Randomness Requirements for Security (2005) - Tomte
http://tools.ietf.org/html/rfc4086
======
lisper
Here's all you really need to know about randomness:

1\. You need two things: an entropy source, and a whitener. No entropy source
is perfect, so you need a whitener no matter what. You don't have to do
anything fancy in your whitener. Any cryptographically secure hash function
(like SHA512) will do.

2\. Since you need a whitener no matter what, it doesn't really matter how
good your entropy source is, except insofar as it might take a long time to
collect enough entropy from a very poor source. All that matters is that you
have an accurate lower bound for how much entropy your source actually
provides, and this is the case no matter how good (or bad) your source
actually is. As long as you feed >N bits of entropy into your whitener, you
can safely extract N bits of true randomness out of it.

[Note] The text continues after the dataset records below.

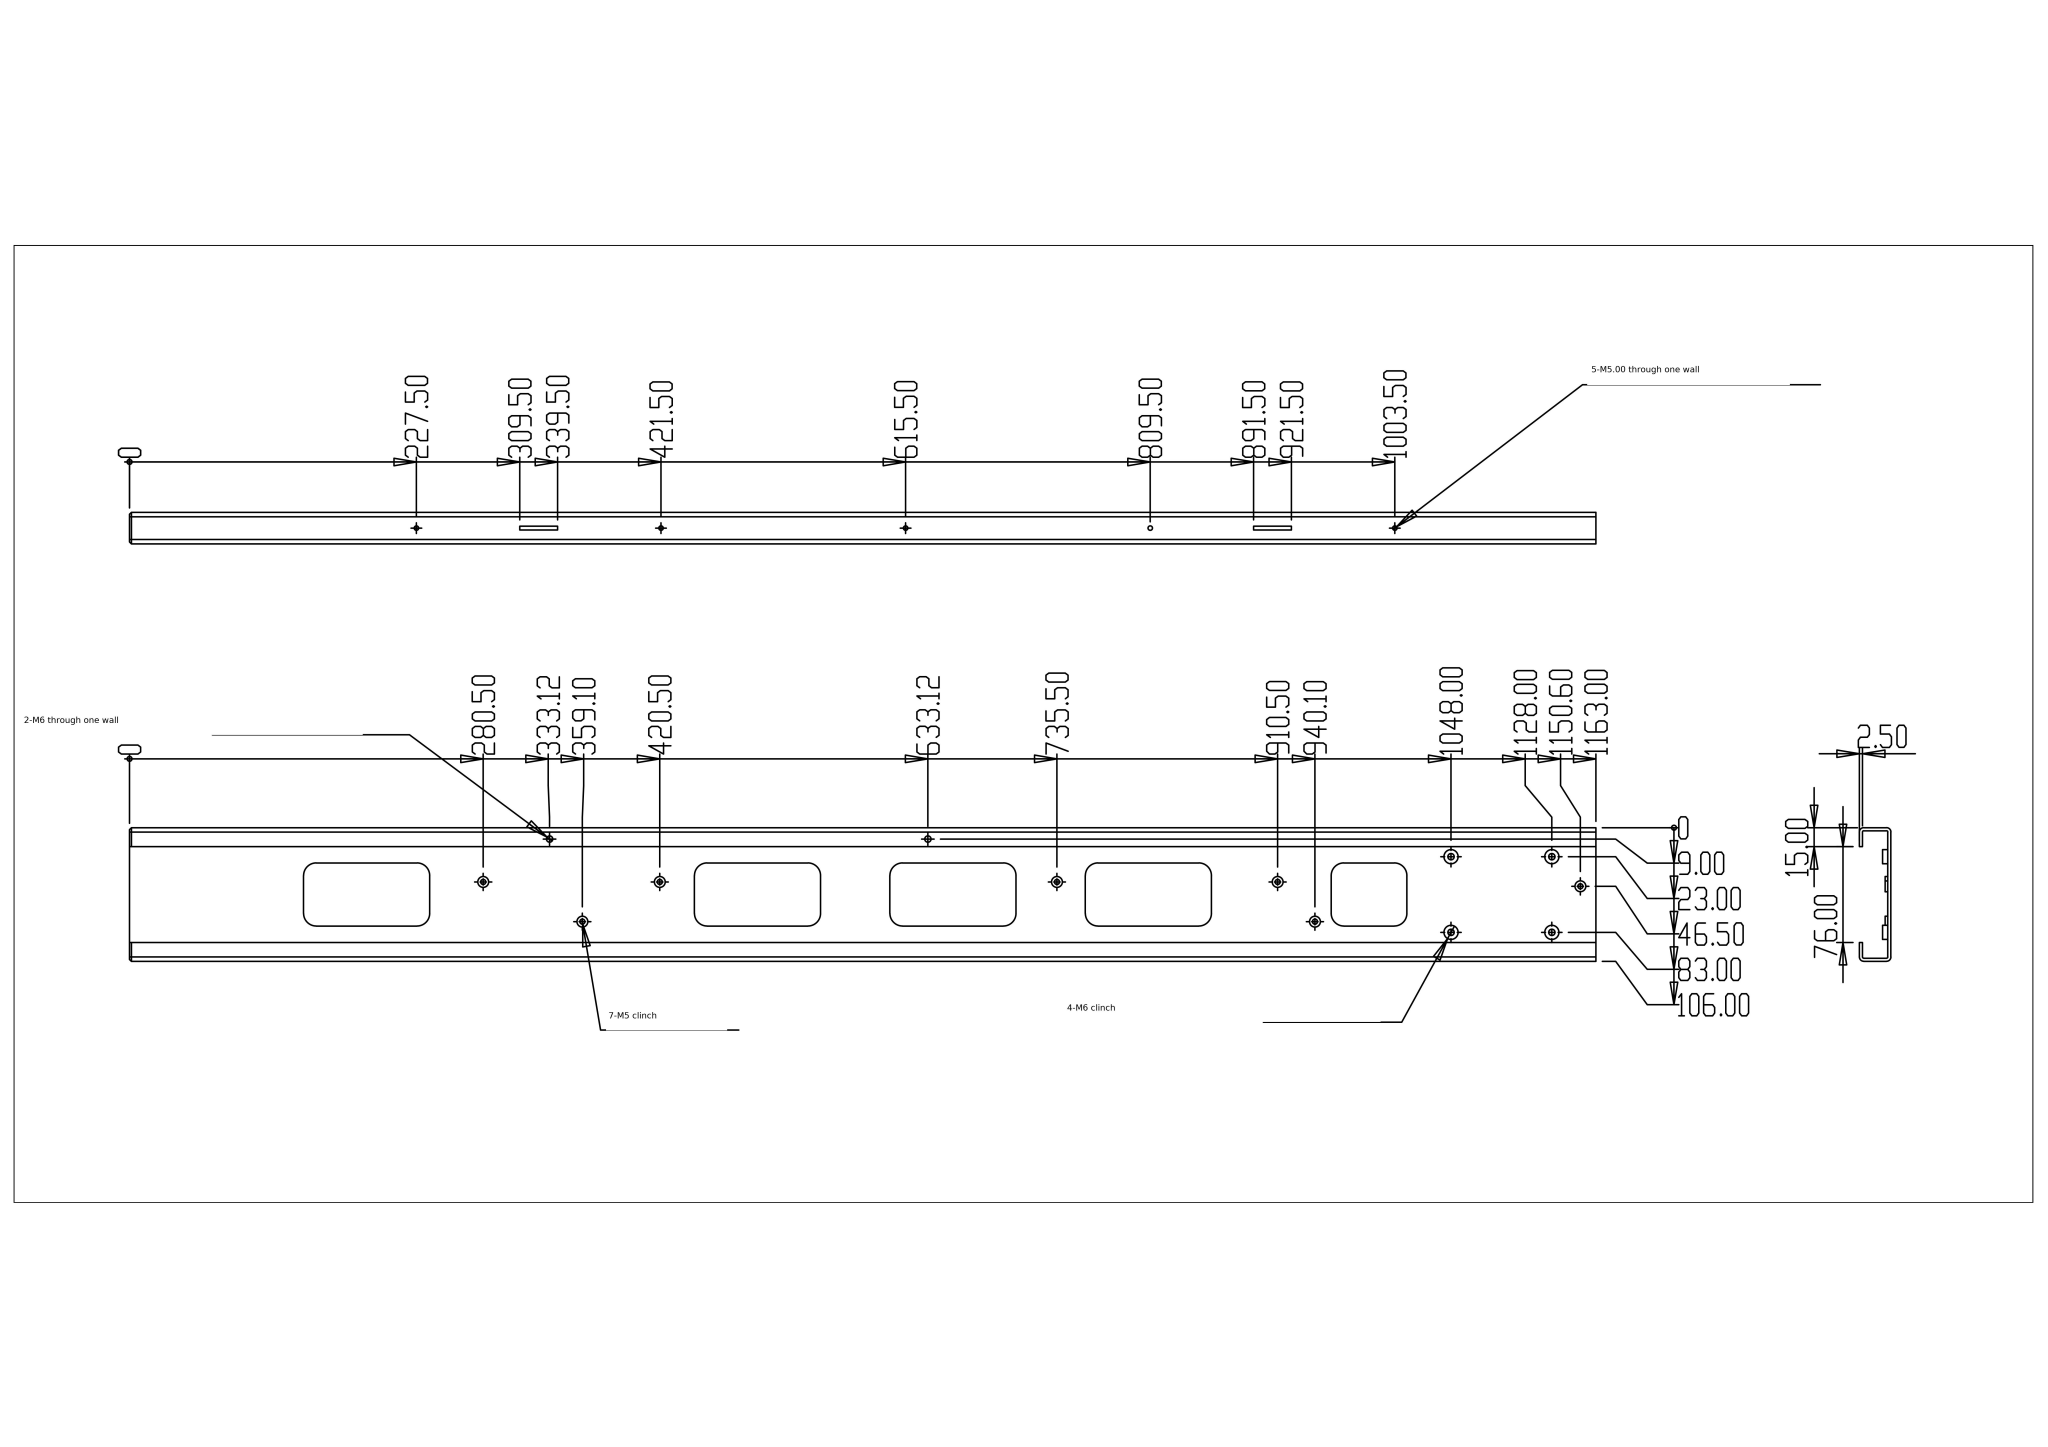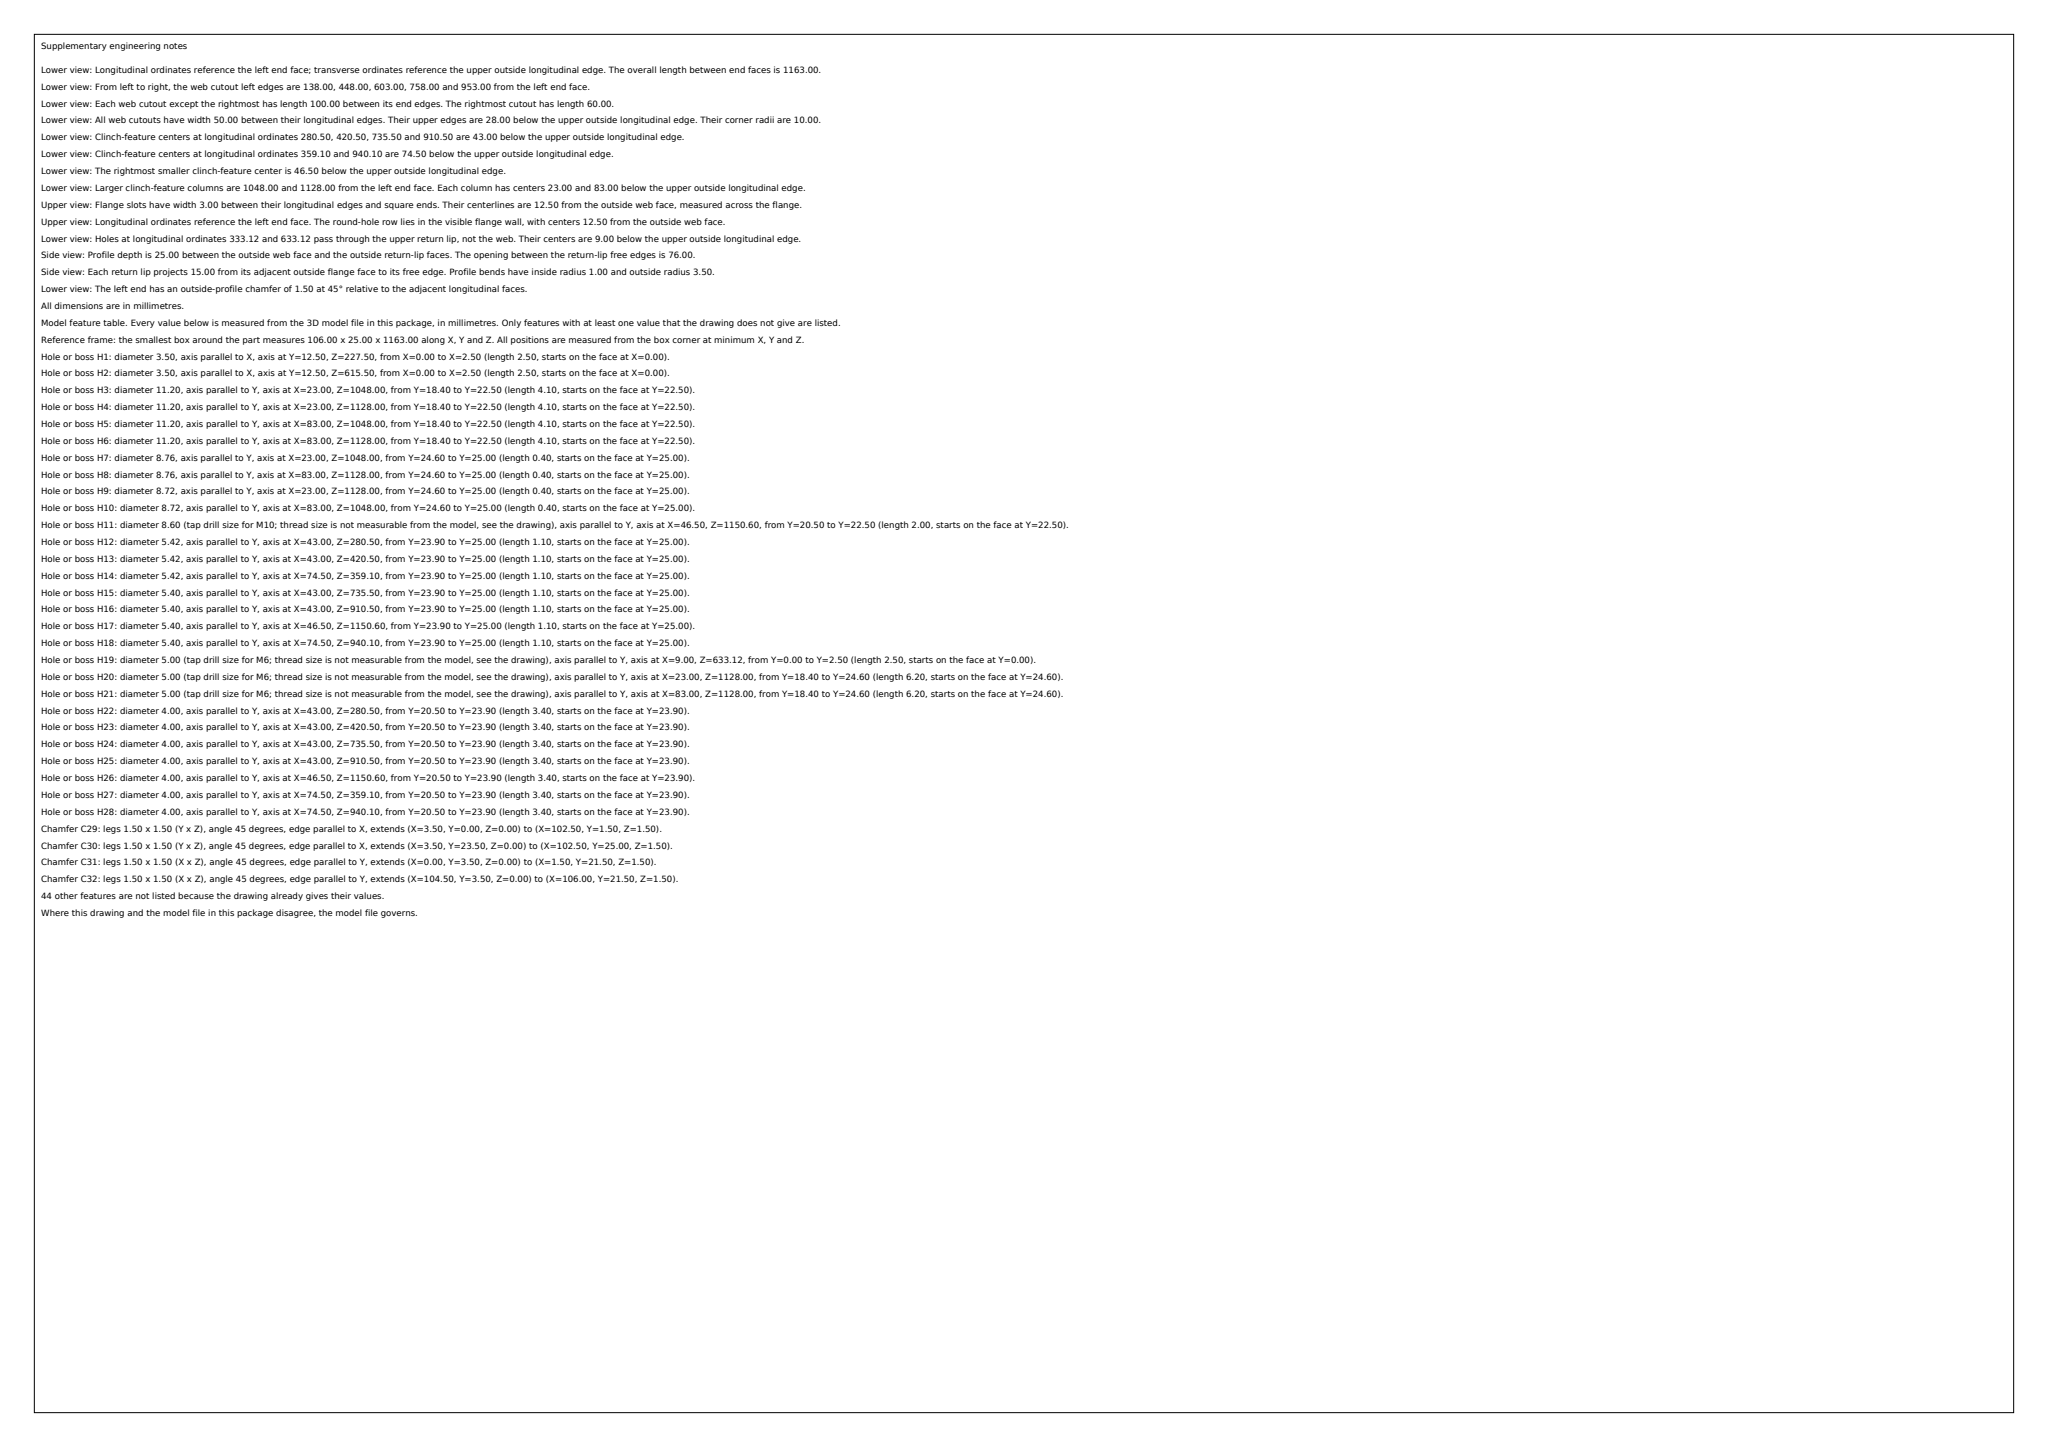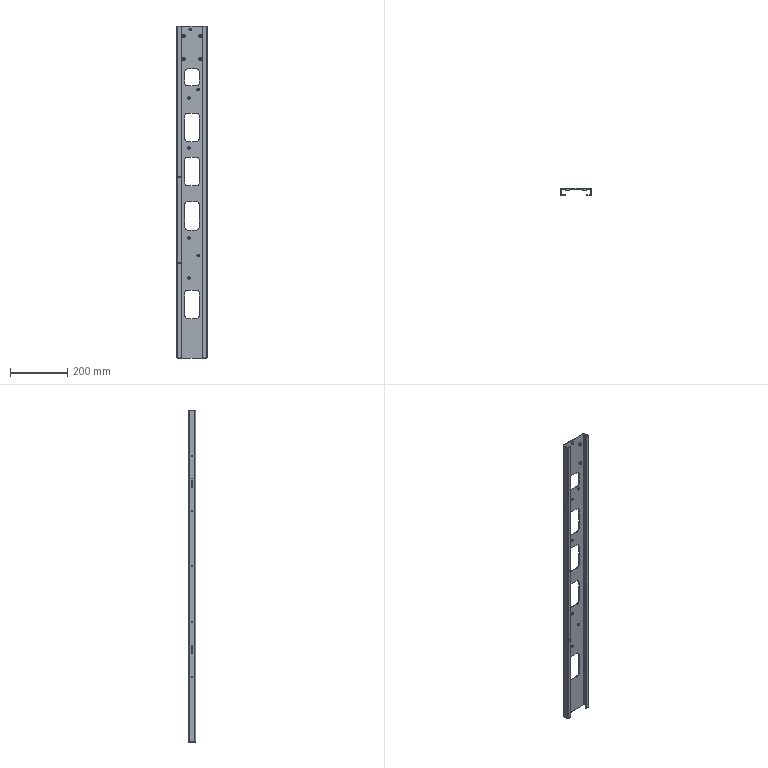Part | SolidWorks | mm | 1 solid | 181 faces | box 106 x 25 x 1163 mm | volume 444564 mm3 | cylinder 108 | plane 69 | cone 4 | commonest cylinder face diameters 20 x20 4 x14 8.6 x14 5.41 x14 5 x12 3.5 x10 11.2 x8 8.75 x4
Drawing notes:
SECTION: OVERALL PROFILE DEPTH 25.00 | from the solid: bbox_xyz y = 25.0; y planes 0.0 and 25.0
ALL ROLL-FORM CORNERS: INNER R1, OUTER R3.5 (4 PL) | from the solid: cylinders Ø2.0 z-axis at (3.5,3.5),(3.5,21.5),(102.5,3.5),(102.5,21.5) L=1163 and Ø7.0 same pos L=1161.5
5 WEB CUTOUTS 50 WIDE x 100 LG (LAST 60 LG), R10 CORNERS | from the solid: x planes 28.0 & 78.0 (5 ea); z pairs 138/238,448/548,603/703,758/858,953/1013; Ø20 y-axis end cyls
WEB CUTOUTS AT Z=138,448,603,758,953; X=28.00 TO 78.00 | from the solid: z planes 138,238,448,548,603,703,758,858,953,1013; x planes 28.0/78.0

3\. You don't need more than a few hundred bits of randomness. 128 bits is
enough, 256 is a comfortable margin, 512 is serious overkill. Seed a
cryptographically secure PRNG with a few hundred bits of entropy and you can
safely extract gigabytes of key material out of it.

4\. Because of 1-4, putting a lot of effort into designing and tuning a HWRNG
is pointless. Such a device provides no value over a poor entropy source fed
through a whitener _provided_ you have an accurate lower bound on the entropy
content so you can be sure you have seeded your PRNG with enough initial
entropy.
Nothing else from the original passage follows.